Clearly, the burden to end impunity in the North Caucasus needs to shift away from the activists, lawyers, and journalists who gather each victim’s story in painstaking detail, and away from overworked and underfunded organizations like Memorial, Human Rights Watch, the Danish Refugee Council, and Caucasian Knot. They have already provided a plethora of information on the abuses. Tens of thousands of cases have reached the European Court of Human Rights. Several Russian lawyers recently published a 1,200 page book making the case for an international tribunal for crimes committed in Chechnya. (The book has an English summary section starting on page 559.) But I have yet to see one Western news outlet report on its publication.

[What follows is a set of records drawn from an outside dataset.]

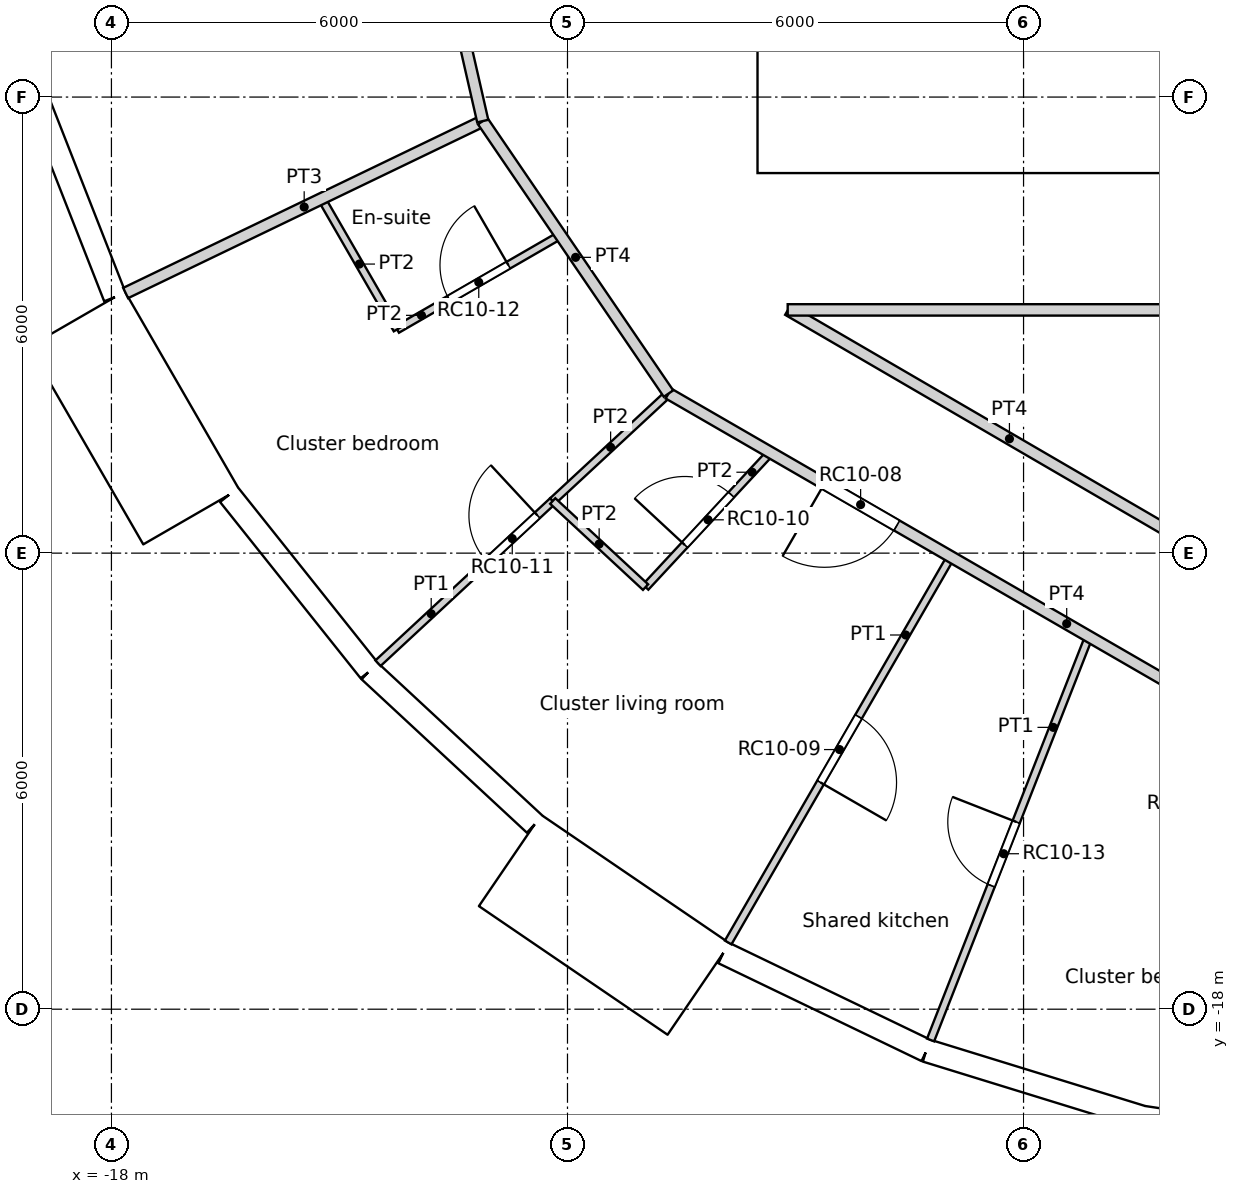
"""IFC4 building model, lengths in metres.
Left out: names, types, materials, properties, quantities, classifications, styles, units other than length and angle.
Written with IfcOpenShell. Run it as: python <this file> out.ifc"""

import sys

from ifc_helpers import new_model, si_unit, direction, frame, frame_2d, origin, origin_2d, place, context, subcontext, project, spatial, rectangle, circle, extrude, element, fill, save


model = new_model("IFC4")
c1 = context("Model", 3, precision=1e-05, world=origin(), true_north=direction((0.0, 1.0)))
c2 = subcontext(c1, "Body", "Model", "MODEL_VIEW")
j1 = project(units=[si_unit("LENGTHUNIT", "METRE"), si_unit("PLANEANGLEUNIT", "RADIAN")], contexts=[c1])
p1 = place(None, origin())
s1 = spatial("IfcSite", under=j1, at=p1, CompositionType="ELEMENT")
p2 = place(p1, origin())
s2 = spatial("IfcBuilding", under=s1, at=p2, CompositionType="ELEMENT")
p3 = place(p2, frame((0.0, 0.0, 323.4)))
s3 = spatial("IfcBuildingStorey", under=s2, at=p3, CompositionType="ELEMENT", Elevation=323.4)
for number, where, z_axis, x_axis in (
    (1, (-16.958, -8.167, 0.0), (0.0, 0.0, 1.0), (1.0, 0.0, 0.0)),
    (2, (-13.798, -12.802, 0.0), (0.0, 0.0, 1.0), (1.0, 0.0, 0.0)),
    (3, (-9.411, -16.301, 0.0), (0.0, 0.0, 1.0), (1.0, 0.0, 0.0)),
    (4, (-4.188, -18.35, 0.0), (0.0, 0.0, 1.0), (1.0, 0.0, 0.0)),
):
    element("IfcColumn", number, at=place(p3, frame(where, z_axis=z_axis, x_axis=x_axis)), inside=s3, PredefinedType="COLUMN", context=c2, shape_type="SweptSolid", body=[
        extrude(circle(Radius=0.45, at=origin_2d()), origin(), (0.0, 0.0, 1.0), 3.6),
    ])
p4 = place(p3, frame((-19.037, -5.872, 0.0), z_axis=(0.0, 0.0, 1.0), x_axis=(0.36530043032, -0.930889679612, 0.0)))
e5 = element("IfcWall", 5, at=p4, inside=s3, PredefinedType="SOLIDWALL", context=c2, shape_type="SweptSolid", body=[
    extrude(rectangle(XDim=2.962, YDim=0.3, at=frame_2d((1.481, 0.0))), origin(), (0.0, 0.0, 1.0), 3.25),
])
p5 = place(p4, frame((1.481, 0.0, 1.55)))
e6 = element("IfcOpeningElement", 6, at=p5, cuts=e5, PredefinedType="OPENING", context=c2, shape_type="SweptSolid", body=[
    extrude(circle(Radius=0.9, at=origin_2d()), frame((0.0, 0.16, 0.0), z_axis=(0.0, -1.0, 0.0), x_axis=(1.0, 0.0, 0.0)), (0.0, 0.0, 1.0), 0.32),
])
p6 = place(p3, frame((-18.452, -8.921, -0.35), z_axis=(0.0, 0.0, 1.0), x_axis=(0.499990139034, -0.866031096941, 0.0)))
e7 = element("IfcWall", 7, at=p6, inside=s3, PredefinedType="ELEMENTEDWALL", context=c2, shape_type="SweptSolid", body=[
    extrude(rectangle(XDim=3.0, YDim=1.45, at=frame_2d((1.5, 0.0))), origin(), (0.0, 0.0, 1.0), 3.6),
])
p7 = place(p6, frame((1.5, 0.0, 1.9)))
e8 = element("IfcOpeningElement", 8, at=p7, cuts=e7, PredefinedType="OPENING", context=c2, shape_type="SweptSolid", body=[
    extrude(circle(Radius=0.9, at=origin_2d()), frame((0.0, 0.735, 0.0), z_axis=(0.0, -1.0, 0.0), x_axis=(1.0, 0.0, 0.0)), (0.0, 0.0, 1.0), 1.47),
])
p8 = place(p3, frame((-16.451, -11.234, 0.0), z_axis=(0.0, 0.0, 1.0), x_axis=(0.623498236992, -0.781824755599, 0.0)))
e9 = element("IfcWall", 9, at=p8, inside=s3, PredefinedType="SOLIDWALL", context=c2, shape_type="SweptSolid", body=[
    extrude(rectangle(XDim=2.962, YDim=0.3, at=frame_2d((1.481, 0.0))), origin(), (0.0, 0.0, 1.0), 3.25),
])
p9 = place(p8, frame((1.481, 0.0, 1.55)))
e10 = element("IfcOpeningElement", 10, at=p9, cuts=e9, PredefinedType="OPENING", context=c2, shape_type="SweptSolid", body=[
    extrude(circle(Radius=0.9, at=origin_2d()), frame((0.0, 0.16, 0.0), z_axis=(0.0, -1.0, 0.0), x_axis=(1.0, 0.0, 0.0)), (0.0, 0.0, 1.0), 0.32),
])
p10 = place(p3, frame((-14.604, -13.55, 0.0), z_axis=(0.0, 0.0, 1.0), x_axis=(0.733066412643, -0.680157066165, 0.0)))
e11 = element("IfcWall", 11, at=p10, inside=s3, PredefinedType="SOLIDWALL", context=c2, shape_type="SweptSolid", body=[
    extrude(rectangle(XDim=2.962, YDim=0.3, at=frame_2d((1.481, 0.0))), origin(), (0.0, 0.0, 1.0), 3.25),
])
p11 = place(p10, frame((1.481, 0.0, 1.55)))
e12 = element("IfcOpeningElement", 12, at=p11, cuts=e11, PredefinedType="OPENING", context=c2, shape_type="SweptSolid", body=[
    extrude(circle(Radius=0.9, at=origin_2d()), frame((0.0, 0.16, 0.0), z_axis=(0.0, -1.0, 0.0), x_axis=(1.0, 0.0, 0.0)), (0.0, 0.0, 1.0), 0.32),
])
p12 = place(p3, frame((-12.754, -16.044, -0.35), z_axis=(0.0, 0.0, 1.0), x_axis=(0.826246281157, -0.563309047392, 0.0)))
e13 = element("IfcWall", 13, at=p12, inside=s3, PredefinedType="ELEMENTEDWALL", context=c2, shape_type="SweptSolid", body=[
    extrude(rectangle(XDim=3.0, YDim=1.45, at=frame_2d((1.5, 0.0))), origin(), (0.0, 0.0, 1.0), 3.6),
])
p13 = place(p12, frame((1.5, 0.0, 1.9)))
e14 = element("IfcOpeningElement", 14, at=p13, cuts=e13, PredefinedType="OPENING", context=c2, shape_type="SweptSolid", body=[
    extrude(circle(Radius=0.9, at=origin_2d()), frame((0.0, 0.735, 0.0), z_axis=(0.0, -1.0, 0.0), x_axis=(1.0, 0.0, 0.0)), (0.0, 0.0, 1.0), 1.47),
])
p14 = place(p3, frame((-9.947, -17.259, 0.0), z_axis=(0.0, 0.0, 1.0), x_axis=(0.900939615635, -0.433944476838, 0.0)))
e15 = element("IfcWall", 15, at=p14, inside=s3, PredefinedType="SOLIDWALL", context=c2, shape_type="SweptSolid", body=[
    extrude(rectangle(XDim=2.962, YDim=0.3, at=frame_2d((1.481, 0.0))), origin(), (0.0, 0.0, 1.0), 3.25),
])
p15 = place(p14, frame((1.481, 0.0, 1.55)))
e16 = element("IfcOpeningElement", 16, at=p15, cuts=e15, PredefinedType="OPENING", context=c2, shape_type="SweptSolid", body=[
    extrude(circle(Radius=0.9, at=origin_2d()), frame((0.0, 0.16, 0.0), z_axis=(0.0, -1.0, 0.0), x_axis=(1.0, 0.0, 0.0)), (0.0, 0.0, 1.0), 0.32),
])
p16 = place(p3, frame((-7.278, -18.545, 0.0), z_axis=(0.0, 0.0, 1.0), x_axis=(0.95558635705, -0.294711238707, 0.0)))
e17 = element("IfcWall", 17, at=p16, inside=s3, PredefinedType="SOLIDWALL", context=c2, shape_type="SweptSolid", body=[
    extrude(rectangle(XDim=2.962, YDim=0.3, at=frame_2d((1.481, 0.0))), origin(), (0.0, 0.0, 1.0), 3.25),
])
p17 = place(p16, frame((1.481, 0.0, 1.55)))
e18 = element("IfcOpeningElement", 18, at=p17, cuts=e17, PredefinedType="OPENING", context=c2, shape_type="SweptSolid", body=[
    extrude(circle(Radius=0.9, at=origin_2d()), frame((0.0, 0.16, 0.0), z_axis=(0.0, -1.0, 0.0), x_axis=(1.0, 0.0, 0.0)), (0.0, 0.0, 1.0), 0.32),
])
p18 = place(p3, frame((-4.53, -19.989, -0.35), z_axis=(0.0, 0.0, 1.0), x_axis=(0.988836445254, -0.149004981587, 0.0)))
e19 = element("IfcWall", 19, at=p18, inside=s3, PredefinedType="ELEMENTEDWALL", context=c2, shape_type="SweptSolid", body=[
    extrude(rectangle(XDim=3.0, YDim=1.45, at=frame_2d((1.5, 0.0))), origin(), (0.0, 0.0, 1.0), 3.6),
])
p19 = place(p18, frame((1.5, 0.0, 1.9)))
e20 = element("IfcOpeningElement", 20, at=p19, cuts=e19, PredefinedType="OPENING", context=c2, shape_type="SweptSolid", body=[
    extrude(circle(Radius=0.9, at=origin_2d()), frame((0.0, 0.735, 0.0), z_axis=(0.0, -1.0, 0.0), x_axis=(1.0, 0.0, 0.0)), (0.0, 0.0, 1.0), 1.47),
])
p20 = place(p3, frame((-9.5, -6.7, 0.0), z_axis=(0.0, 0.0, 1.0), x_axis=(1.0, 0.0, 0.0)))
e21 = element("IfcWall", 21, at=p20, inside=s3, PredefinedType="SOLIDWALL", context=c2, shape_type="SweptSolid", body=[
    extrude(rectangle(XDim=19.0, YDim=0.6, at=frame_2d((9.5, 0.0))), origin(), (0.0, 0.0, 1.0), 3.6),
])
p21 = place(p20, frame((10.4, 0.0, 0.0)))
e22 = element("IfcOpeningElement", 22, at=p21, cuts=e21, PredefinedType="OPENING", context=c2, shape_type="SweptSolid", body=[
    extrude(rectangle(XDim=1.0, YDim=2.1, at=frame_2d((0.5, 1.05))), frame((0.0, 0.3, 0.0), z_axis=(0.0, -1.0, 0.0), x_axis=(1.0, 0.0, 0.0)), (0.0, 0.0, 1.0), 0.6),
])
p22 = place(p20, frame((5.35, 0.0, 0.0)))
e23 = element("IfcOpeningElement", 23, at=p22, cuts=e21, PredefinedType="OPENING", context=c2, shape_type="SweptSolid", body=[
    extrude(rectangle(XDim=1.7, YDim=2.1, at=frame_2d((0.85, 1.05))), frame((0.0, 0.3, 0.0), z_axis=(0.0, -1.0, 0.0), x_axis=(1.0, 0.0, 0.0)), (0.0, 0.0, 1.0), 0.6),
])
p23 = place(p20, frame((11.95, 0.0, 0.0)))
e24 = element("IfcOpeningElement", 24, at=p23, cuts=e21, PredefinedType="OPENING", context=c2, shape_type="SweptSolid", body=[
    extrude(rectangle(XDim=1.7, YDim=2.1, at=frame_2d((0.85, 1.05))), frame((0.0, 0.3, 0.0), z_axis=(0.0, -1.0, 0.0), x_axis=(1.0, 0.0, 0.0)), (0.0, 0.0, 1.0), 0.6),
])
p24 = place(p3, frame((-9.2, -6.4, 0.0), z_axis=(0.0, 0.0, 1.0), x_axis=(0.0, 1.0, 0.0)))
e25 = element("IfcWall", 25, at=p24, inside=s3, PredefinedType="SOLIDWALL", context=c2, shape_type="SweptSolid", body=[
    extrude(rectangle(XDim=12.8, YDim=0.6, at=frame_2d((6.4, 0.0))), origin(), (0.0, 0.0, 1.0), 3.6),
])
p25 = place(p3, frame((-9.103, -8.8, 0.0), z_axis=(0.0, 0.0, 1.0), x_axis=(1.0, 0.0, 0.0)))
e26 = element("IfcWall", 26, at=p25, inside=s3, PredefinedType="PARTITIONING", context=c2, shape_type="SweptSolid", body=[
    extrude(rectangle(XDim=18.204, YDim=0.15, at=frame_2d((9.102, 0.0))), origin(), (0.0, 0.0, 1.0), 3.25),
])
p26 = place(p25, frame((8.597, 0.0, 0.0)))
e27 = element("IfcOpeningElement", 27, at=p26, cuts=e26, PredefinedType="OPENING", context=c2, shape_type="SweptSolid", body=[
    extrude(rectangle(XDim=1.0, YDim=2.04, at=frame_2d((0.5, 1.02))), frame((0.0, 0.075, 0.0), z_axis=(0.0, -1.0, 0.0), x_axis=(1.0, 0.0, 0.0)), (0.0, 0.0, 1.0), 0.15),
])
p27 = place(p3, frame((-9.099, -8.8, 0.0), z_axis=(0.0, 0.0, 1.0), x_axis=(0.864286794128, -0.502999341447, 0.0)))
e28 = element("IfcWall", 28, at=p27, inside=s3, PredefinedType="PARTITIONING", context=c2, shape_type="SweptSolid", body=[
    extrude(rectangle(XDim=6.741, YDim=0.15, at=frame_2d((3.371, 0.0))), origin(), (0.0, 0.0, 1.0), 3.25),
])
p28 = place(p3, frame((-14.557, 0.0, 0.0), z_axis=(0.0, 0.0, 1.0), x_axis=(0.222568978642, -0.97491694505, 0.0)))
e29 = element("IfcWall", 29, at=p28, inside=s3, PredefinedType="PARTITIONING", context=c2, shape_type="SweptSolid", body=[
    extrude(rectangle(XDim=6.479, YDim=0.15, at=frame_2d((3.239, 0.0))), origin(), (0.0, 0.0, 1.0), 3.25),
])
p29 = place(p28, frame((2.74, 0.0, 0.0)))
e30 = element("IfcOpeningElement", 30, at=p29, cuts=e29, PredefinedType="OPENING", context=c2, shape_type="SweptSolid", body=[
    extrude(rectangle(XDim=1.0, YDim=2.04, at=frame_2d((0.5, 1.02))), frame((0.0, 0.075, 0.0), z_axis=(0.0, -1.0, 0.0), x_axis=(1.0, 0.0, 0.0)), (0.0, 0.0, 1.0), 0.15),
])
p30 = place(p3, frame((-10.671, -9.901, 0.0), z_axis=(0.0, 0.0, 1.0), x_axis=(0.865823993551, -0.500348690606, 0.0)))
e31 = element("IfcWall", 31, at=p30, inside=s3, PredefinedType="PARTITIONING", context=c2, shape_type="SweptSolid", body=[
    extrude(rectangle(XDim=8.582, YDim=0.15, at=frame_2d((4.291, 0.0))), origin(), (0.0, 0.0, 1.0), 3.25),
])
p31 = place(p30, frame((2.369, 0.0, 0.0)))
e32 = element("IfcOpeningElement", 32, at=p31, cuts=e31, PredefinedType="OPENING", context=c2, shape_type="SweptSolid", body=[
    extrude(rectangle(XDim=1.1, YDim=2.1, at=frame_2d((0.55, 1.05))), frame((0.0, 0.075, 0.0), z_axis=(0.0, -1.0, 0.0), x_axis=(1.0, 0.0, 0.0)), (0.0, 0.0, 1.0), 0.15),
])
p32 = place(p3, frame((-13.115, -6.316, 0.0), z_axis=(0.0, 0.0, 1.0), x_axis=(0.563434599286, -0.826160669802, 0.0)))
e33 = element("IfcWall", 33, at=p32, inside=s3, PredefinedType="PARTITIONING", context=c2, shape_type="SweptSolid", body=[
    extrude(rectangle(XDim=4.339, YDim=0.15, at=frame_2d((2.169, 0.0))), origin(), (0.0, 0.0, 1.0), 3.25),
])
p33 = place(p3, frame((-17.813, -8.578, 0.0), z_axis=(0.0, 0.0, 1.0), x_axis=(0.9009772659, 0.433866300064, 0.0)))
e34 = element("IfcWall", 34, at=p33, inside=s3, PredefinedType="PARTITIONING", context=c2, shape_type="SweptSolid", body=[
    extrude(rectangle(XDim=5.214, YDim=0.15, at=frame_2d((2.607, 0.0))), origin(), (0.0, 0.0, 1.0), 3.25),
])
p34 = place(p3, frame((-9.886, -17.122, 0.0), z_axis=(0.0, 0.0, 1.0), x_axis=(0.500022903925, 0.866012179793, 0.0)))
e35 = element("IfcWall", 35, at=p34, inside=s3, PredefinedType="PARTITIONING", context=c2, shape_type="SweptSolid", body=[
    extrude(rectangle(XDim=5.862, YDim=0.1, at=frame_2d((2.931, 0.0))), origin(), (0.0, 0.0, 1.0), 3.25),
])
p35 = place(p34, frame((2.43, 0.0, 0.0)))
e36 = element("IfcOpeningElement", 36, at=p35, cuts=e35, PredefinedType="OPENING", context=c2, shape_type="SweptSolid", body=[
    extrude(rectangle(XDim=1.0, YDim=2.04, at=frame_2d((0.5, 1.02))), frame((0.0, 0.05, 0.0), z_axis=(0.0, -1.0, 0.0), x_axis=(1.0, 0.0, 0.0)), (0.0, 0.0, 1.0), 0.1),
])
p36 = place(p3, frame((-12.194, -11.314, 0.0), z_axis=(0.0, 0.0, 1.0), x_axis=(0.733064860014, -0.680158739569, 0.0)))
e37 = element("IfcWall", 37, at=p36, inside=s3, PredefinedType="PARTITIONING", context=c2, shape_type="SweptSolid", body=[
    extrude(rectangle(XDim=1.666, YDim=0.1, at=frame_2d((0.833, 0.0))), origin(), (0.0, 0.0, 1.0), 3.25),
])
p37 = place(p3, frame((-10.973, -12.447, 0.0), z_axis=(0.0, 0.0, 1.0), x_axis=(0.680296065293, 0.732937421303, 0.0)))
e38 = element("IfcWall", 38, at=p37, inside=s3, PredefinedType="PARTITIONING", context=c2, shape_type="SweptSolid", body=[
    extrude(rectangle(XDim=2.416, YDim=0.1, at=frame_2d((1.208, 0.0))), origin(), (0.0, 0.0, 1.0), 3.25),
])
p38 = place(p37, frame((0.758, 0.0, 0.0)))
e39 = element("IfcOpeningElement", 39, at=p38, cuts=e38, PredefinedType="OPENING", context=c2, shape_type="SweptSolid", body=[
    extrude(rectangle(XDim=0.9, YDim=2.0, at=frame_2d((0.45, 1.0))), frame((0.0, 0.05, 0.0), z_axis=(0.0, -1.0, 0.0), x_axis=(1.0, 0.0, 0.0)), (0.0, 0.0, 1.0), 0.1),
])
p39 = place(p3, frame((-14.493, -13.448, 0.0), z_axis=(0.0, 0.0, 1.0), x_axis=(0.732887738731, 0.680349588387, 0.0)))
e40 = element("IfcWall", 40, at=p39, inside=s3, PredefinedType="PARTITIONING", context=c2, shape_type="SweptSolid", body=[
    extrude(rectangle(XDim=3.137, YDim=0.1, at=frame_2d((1.568, 0.0))), origin(), (0.0, 0.0, 1.0), 3.25),
])
p40 = place(p39, frame((1.96, 0.0, 0.0)))
e41 = element("IfcOpeningElement", 41, at=p40, cuts=e40, PredefinedType="OPENING", context=c2, shape_type="SweptSolid", body=[
    extrude(rectangle(XDim=0.9, YDim=2.1, at=frame_2d((0.45, 1.05))), frame((0.0, 0.05, 0.0), z_axis=(0.0, -1.0, 0.0), x_axis=(1.0, 0.0, 0.0)), (0.0, 0.0, 1.0), 0.1),
])
p41 = place(p3, frame((-7.223, -18.405, 0.0), z_axis=(0.0, 0.0, 1.0), x_axis=(0.365331902423, 0.930877328691, 0.0)))
e42 = element("IfcWall", 42, at=p41, inside=s3, PredefinedType="PARTITIONING", context=c2, shape_type="SweptSolid", body=[
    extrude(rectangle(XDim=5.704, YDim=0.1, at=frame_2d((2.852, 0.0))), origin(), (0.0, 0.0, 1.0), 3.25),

The situation where activist after activist essentially walks into a hail of bullets demands a new strategy. The burden ought to shift to policymakers and diplomats, to the Obama administration and European governments. It ought to shift to Germany, which has a special relationship with Russia, to Sweden, which holds the current EU presidency, and, most of all, to the Kremlin.

But will American and European policymakers and diplomats make clear to Medvedev that impunity will not be tolerated? Will they together acknowledge that the North Caucasus region is not solely a Russian problem, but one that poses difficult security and stability problems requiring international solutions, even if these have yet to be identified? How should the Russian government deal with the paramilitaries that it helped create? Russia is not the only country that has found itself in this dangerous dead end — what are the lessons from other cases? How best to end impunity without starting yet another war in the region?

Given the mountains of evidence concerning war crimes, serious discussion — at the highest political levels in the United States, Europe and Russia — ought to commence concerning the need to bring to justice those who have committed these crimes, whether internationally or nationally.

What role will the Russian government play in such discussions? Will government officials come to the table with a 21st-century view of the state — one in which borders are porous, national security concerns are shared, and the United States and European governments are viewed as peers? Or will Russia continue to tell the world to mind its own business?

It is hard to say. It is fundamental to the very survival of the Russian state that the Kremlin regains control of the North Caucasus and returns the region to the rule of law. The last 15 years suggest that Russia cannot do so alone — or that it doesn’t want to.

Perhaps Medvedev knows all this. He is a lawyer who just maybe takes seriously the quest to end Russia’s culture of "legal nihilism" — or so say those that meet him. Russian government officials who came last month to the Civil Society Summit in Moscow certainly suggested to me they wanted to take this very issue seriously. We all agreed we wanted to change the tone of how we engage one another, ending our lecturing, teaching, and training.

But days after we eagerly started our peer-to-peer dialogue, our colleagues were murdered. The culture of impunity lives on. And so this moment emerges as somewhat of a defining one: If policymakers in the United States, Europe, and Russia find the political will to address lawlessness and deprivation in the North Caucasus together, then that would be a stunning step toward a new relationship as well as a more stable Euro-Atlantic neighborhood.

If they do not, Medvedev will fail, our peer-to-peer approach will be in jeopardy, my friend will continue to be in danger, and ultimately, Russia’s problem will emerge as everyone’s problem. Pockets of lawlessness have a way of traversing the Earth in the 21st century and causing tragedy.

Sarah Mendelson is director of the Human Rights and Security Initiative at the Center for Strategic and International Studies in Washington.